# How do I export JPG photos without any quality loss?



## Skippermark (Apr 20, 2019)

My wife is asking for a couple hundred photos of my son. I sort my LR folders by year, month, date, so the pictures are scattered about in a bunch of different folders. I have the ones she wants gathered into one collection, but I'm not sure how to get them copied to another folder on my hard drive. I don't want to re-export and cause any quality loss since they're JPGs. In the past I thought I could just select & drag the images from the LR collection where I have them gathered to a folder on my desktop and it would copy the originals to that folder, but that doesn't work anymore. I recently switched from Mac to Windows, so maybe that was possible on Mac not on Windows or I could just be remembering incorrectly.

If all the photos were in the same folder, I'd just "view in explorer" and copy them to another folder, but I don't want to move them from their original location since they're all sorted the way I like.

So, if anyone has any thoughts, that would be great. Thanks!


----------



## Hal P Anderson (Apr 20, 2019)

Just export them. If you've edited them in LR, the changes are not made to the files. After export, they'll be first-generation JPEGs,  and that will be as good as you're going to get. If you just copy the master files, they will have none of your edits.

If these are files that you exported and re-imported and haven't been changed, you could export them as Original. If you rename them in a numbered sequence, they'll keep your current ordering.


----------



## Skippermark (Apr 20, 2019)

Hi Hal. The files were originally RAW files that I edited and exported to JPG. Once I edit the RAW files I remove them from the library and back them up. I only keep the edited JPG files in my library.

So if I export the JPGs, they’ll get saved again and recompressed,  not over the originals but in a new location at a lower quality. That’s what I’m trying to avoid.


----------



## Hal P Anderson (Apr 20, 2019)

Read my second paragraph.


----------



## BarrySchwartz (Apr 20, 2019)

If you export the JPGs as Originals, don't resize, and don't rename, they should be just the same.


----------



## PhilBurton (Apr 20, 2019)

Skippermark said:


> Hi Hal. The files were originally RAW files that I edited and exported to JPG. Once I edit the RAW files I remove them from the library and back them up. I only keep the edited JPG files in my library.
> 
> So if I export the JPGs, they’ll get saved again and recompressed,  not over the originals but in a new location at a lower quality. That’s what I’m trying to avoid.


Why do  you remove the RAW files from the catalog if you are still keeping them on disk?  This is like throwing away your negatives, back in the film days.

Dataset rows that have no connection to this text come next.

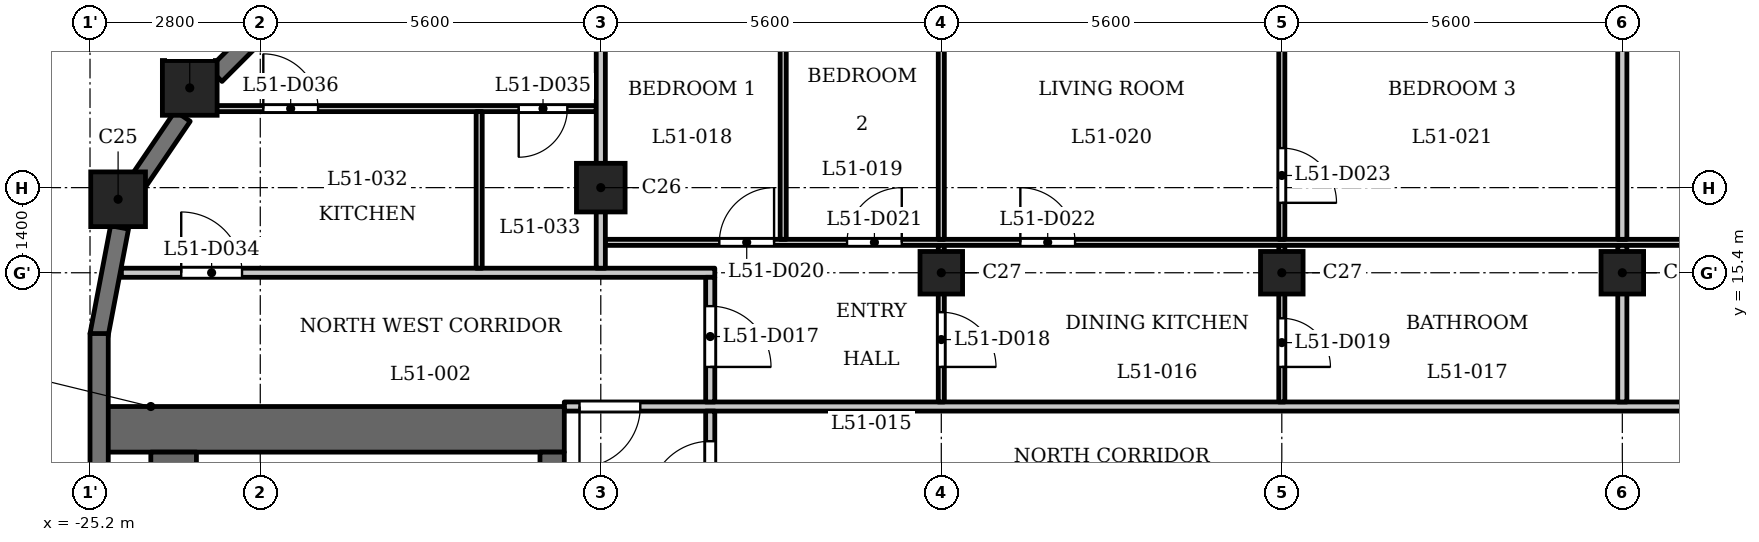
"""IFC4 building model, lengths in metres.
Left out: names, types, materials, properties, quantities, classifications, styles, units other than length and angle.
Written with IfcOpenShell. Run it as: python <this file> out.ifc"""

import sys

from ifc_helpers import new_model, si_unit, direction, frame, frame_2d, origin, origin_2d, place, context, subcontext, project, spatial, rectangle, extrude, element, fill, save


model = new_model("IFC4")
c1 = context("Model", 3, precision=1e-05, world=origin(), true_north=direction((0.0, 1.0)))
c2 = subcontext(c1, "Body", "Model", "MODEL_VIEW")
j1 = project(units=[si_unit("LENGTHUNIT", "METRE"), si_unit("PLANEANGLEUNIT", "RADIAN")], contexts=[c1])
p1 = place(None, origin())
s1 = spatial("IfcSite", under=j1, at=p1, CompositionType="ELEMENT")
p2 = place(p1, origin())
s2 = spatial("IfcBuilding", under=s1, at=p2, CompositionType="ELEMENT")
p3 = place(p2, frame((0.0, 0.0, 199.4)))
s3 = spatial("IfcBuildingStorey", under=s2, at=p3, CompositionType="ELEMENT", Elevation=199.4)
for number, where, z_axis, x_axis in (
    (1, (-23.56, 18.44, 0.0), (0.0, 0.0, 1.0), (1.0, 0.0, 0.0)),
    (2, (-24.738, 16.609, 0.0), (0.0, 0.0, 1.0), (1.0, 0.0, 0.0)),
):
    element("IfcColumn", number, at=place(p3, frame(where, z_axis=z_axis, x_axis=x_axis)), inside=s3, PredefinedType="COLUMN", context=c2, shape_type="SweptSolid", body=[
        extrude(rectangle(XDim=0.9, YDim=0.9, at=origin_2d()), origin(), (0.0, 0.0, 1.0), 3.5),
    ])
p4 = place(p3, frame((-16.8, 16.8, 0.0), z_axis=(0.0, 0.0, 1.0), x_axis=(1.0, 0.0, 0.0)))
e3 = element("IfcColumn", 3, at=p4, inside=s3, PredefinedType="COLUMN", context=c2, shape_type="SweptSolid", body=[
    extrude(rectangle(XDim=0.8, YDim=0.8, at=origin_2d()), origin(), (0.0, 0.0, 1.0), 3.5),
])
for number, where, z_axis, x_axis in (
    (4, (-11.2, 15.4, 0.0), (0.0, 0.0, 1.0), (1.0, 0.0, 0.0)),
    (5, (-5.6, 15.4, 0.0), (0.0, 0.0, 1.0), (1.0, 0.0, 0.0)),
    (6, (0.0, 15.4, 0.0), (0.0, 0.0, 1.0), (1.0, 0.0, 0.0)),
):
    element("IfcColumn", number, at=place(p3, frame(where, z_axis=z_axis, x_axis=x_axis)), inside=s3, PredefinedType="COLUMN", context=c2, shape_type="SweptSolid", body=[
        extrude(rectangle(XDim=0.7, YDim=0.7, at=origin_2d()), origin(), (0.0, 0.0, 1.0), 3.5),
    ])
p5 = place(p3, frame((-21.191, 20.597, 0.0), z_axis=(0.0, 0.0, 1.0), x_axis=(-0.707106781187, -0.707106781187, 0.0)))
e7 = element("IfcWall", 7, at=p5, inside=s3, PredefinedType="SOLIDWALL", context=c2, shape_type="SweptSolid", body=[
    extrude(rectangle(XDim=2.75, YDim=0.3, at=frame_2d((1.375, 0.0))), origin(), (0.0, 0.0, 1.0), 2.5),
])
p6 = place(p5, frame((0.775, 0.0, 0.6)))
e8 = element("IfcOpeningElement", 8, at=p6, cuts=e7, PredefinedType="OPENING", context=c2, shape_type="SweptSolid", body=[
    extrude(rectangle(XDim=1.2, YDim=1.55, at=frame_2d((0.6, 0.775))), frame((0.0, 0.16, 0.0), z_axis=(0.0, -1.0, 0.0), x_axis=(1.0, 0.0, 0.0)), (0.0, 0.0, 1.0), 0.32),
])
p7 = place(p3, frame((-23.676, 17.975, 0.0), z_axis=(0.0, 0.0, 1.0), x_axis=(-0.56200149592, -0.827136215253, 0.0)))
e9 = element("IfcWall", 9, at=p7, inside=s3, PredefinedType="SOLIDWALL", context=c2, shape_type="SweptSolid", body=[
    extrude(rectangle(XDim=1.277, YDim=0.3, at=frame_2d((0.639, 0.0))), origin(), (0.0, 0.0, 1.0), 2.5),
])
p8 = place(p3, frame((-24.714, 16.146, 0.0), z_axis=(0.0, 0.0, 1.0), x_axis=(-0.187348135549, -0.982293579388, 0.0)))
e10 = element("IfcWall", 10, at=p8, inside=s3, PredefinedType="SOLIDWALL", context=c2, shape_type="SweptSolid", body=[
    extrude(rectangle(XDim=1.806, YDim=0.3, at=frame_2d((0.903, 0.0))), origin(), (0.0, 0.0, 1.0), 2.5),
])
p9 = place(p3, frame((-25.05, 14.4, 0.0), z_axis=(0.0, 0.0, 1.0), x_axis=(0.0, -1.0, 0.0)))
e11 = element("IfcWall", 11, at=p9, inside=s3, PredefinedType="SOLIDWALL", context=c2, shape_type="SweptSolid", body=[
    extrude(rectangle(XDim=2.75, YDim=0.3, at=frame_2d((1.375, 0.0))), origin(), (0.0, 0.0, 1.0), 2.5),
])
p10 = place(p3, frame((-17.4, 12.825, 0.0), z_axis=(0.0, 0.0, 1.0), x_axis=(-1.0, 0.0, 0.0)))
e12 = element("IfcWall", 12, at=p10, inside=s3, PredefinedType="SHEAR", context=c2, shape_type="SweptSolid", body=[
    extrude(rectangle(XDim=7.6, YDim=0.75, at=frame_2d((3.8, 0.0))), origin(), (0.0, 0.0, 1.0), 3.2),
])
p11 = place(p3, frame((-17.6, -12.45, 0.0), z_axis=(0.0, 0.0, 1.0), x_axis=(0.0, 1.0, 0.0)))
e13 = element("IfcWall", 13, at=p11, inside=s3, PredefinedType="SHEAR", context=c2, shape_type="SweptSolid", body=[
    extrude(rectangle(XDim=24.9, YDim=0.4, at=frame_2d((12.45, 0.0))), origin(), (0.0, 0.0, 1.0), 3.2),
])
p12 = place(p11, frame((8.65, 0.0, 0.0)))
e14 = element("IfcOpeningElement", 14, at=p12, cuts=e13, PredefinedType="OPENING", context=c2, shape_type="SweptSolid", body=[
    extrude(rectangle(XDim=0.9, YDim=2.1, at=frame_2d((0.45, 1.05))), frame((0.0, 0.21, 0.0), z_axis=(0.0, -1.0, 0.0), x_axis=(1.0, 0.0, 0.0)), (0.0, 0.0, 1.0), 0.42),
])
p13 = place(p11, frame((15.6, 0.0, 0.0)))
e15 = element("IfcOpeningElement", 15, at=p13, cuts=e13, PredefinedType="OPENING", context=c2, shape_type="SweptSolid", body=[
    extrude(rectangle(XDim=1.1, YDim=2.1, at=frame_2d((0.55, 1.05))), frame((0.0, 0.21, 0.0), z_axis=(0.0, -1.0, 0.0), x_axis=(1.0, 0.0, 0.0)), (0.0, 0.0, 1.0), 0.42),
])
p14 = place(p11, frame((18.0, 0.0, 0.0)))
e16 = element("IfcOpeningElement", 16, at=p14, cuts=e13, PredefinedType="OPENING", context=c2, shape_type="SweptSolid", body=[
    extrude(rectangle(XDim=1.1, YDim=2.1, at=frame_2d((0.55, 1.05))), frame((0.0, 0.21, 0.0), z_axis=(0.0, -1.0, 0.0), x_axis=(1.0, 0.0, 0.0)), (0.0, 0.0, 1.0), 0.42),
])
p15 = place(p11, frame((23.025, 0.0, 0.0)))
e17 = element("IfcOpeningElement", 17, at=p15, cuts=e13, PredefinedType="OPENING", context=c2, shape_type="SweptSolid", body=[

 If you ever want to do additional editing, you will need to re-import those RAW files anyway.


----------



## Skippermark (Apr 20, 2019)

Hal P Anderson said:


> Read my second paragraph.


Thanks @Hal P Anderson & @Barry Schwartz. I totally missed the part about exporting as originals. That's what I get for reading the answer on my phone while shopping in a packed grocery store the day before a holiday. I also had totally forgotten about being able to export files in original format. It's not something I need to do very often.


----------



## Skippermark (Apr 20, 2019)

PhilBurton said:


> Why do  you remove the RAW files from the catalog if you are still keeping them on disk?  This is like throwing away your negatives, back in the film days.
> 
> If you ever want to do additional editing, you will need to re-import those RAW files anyway.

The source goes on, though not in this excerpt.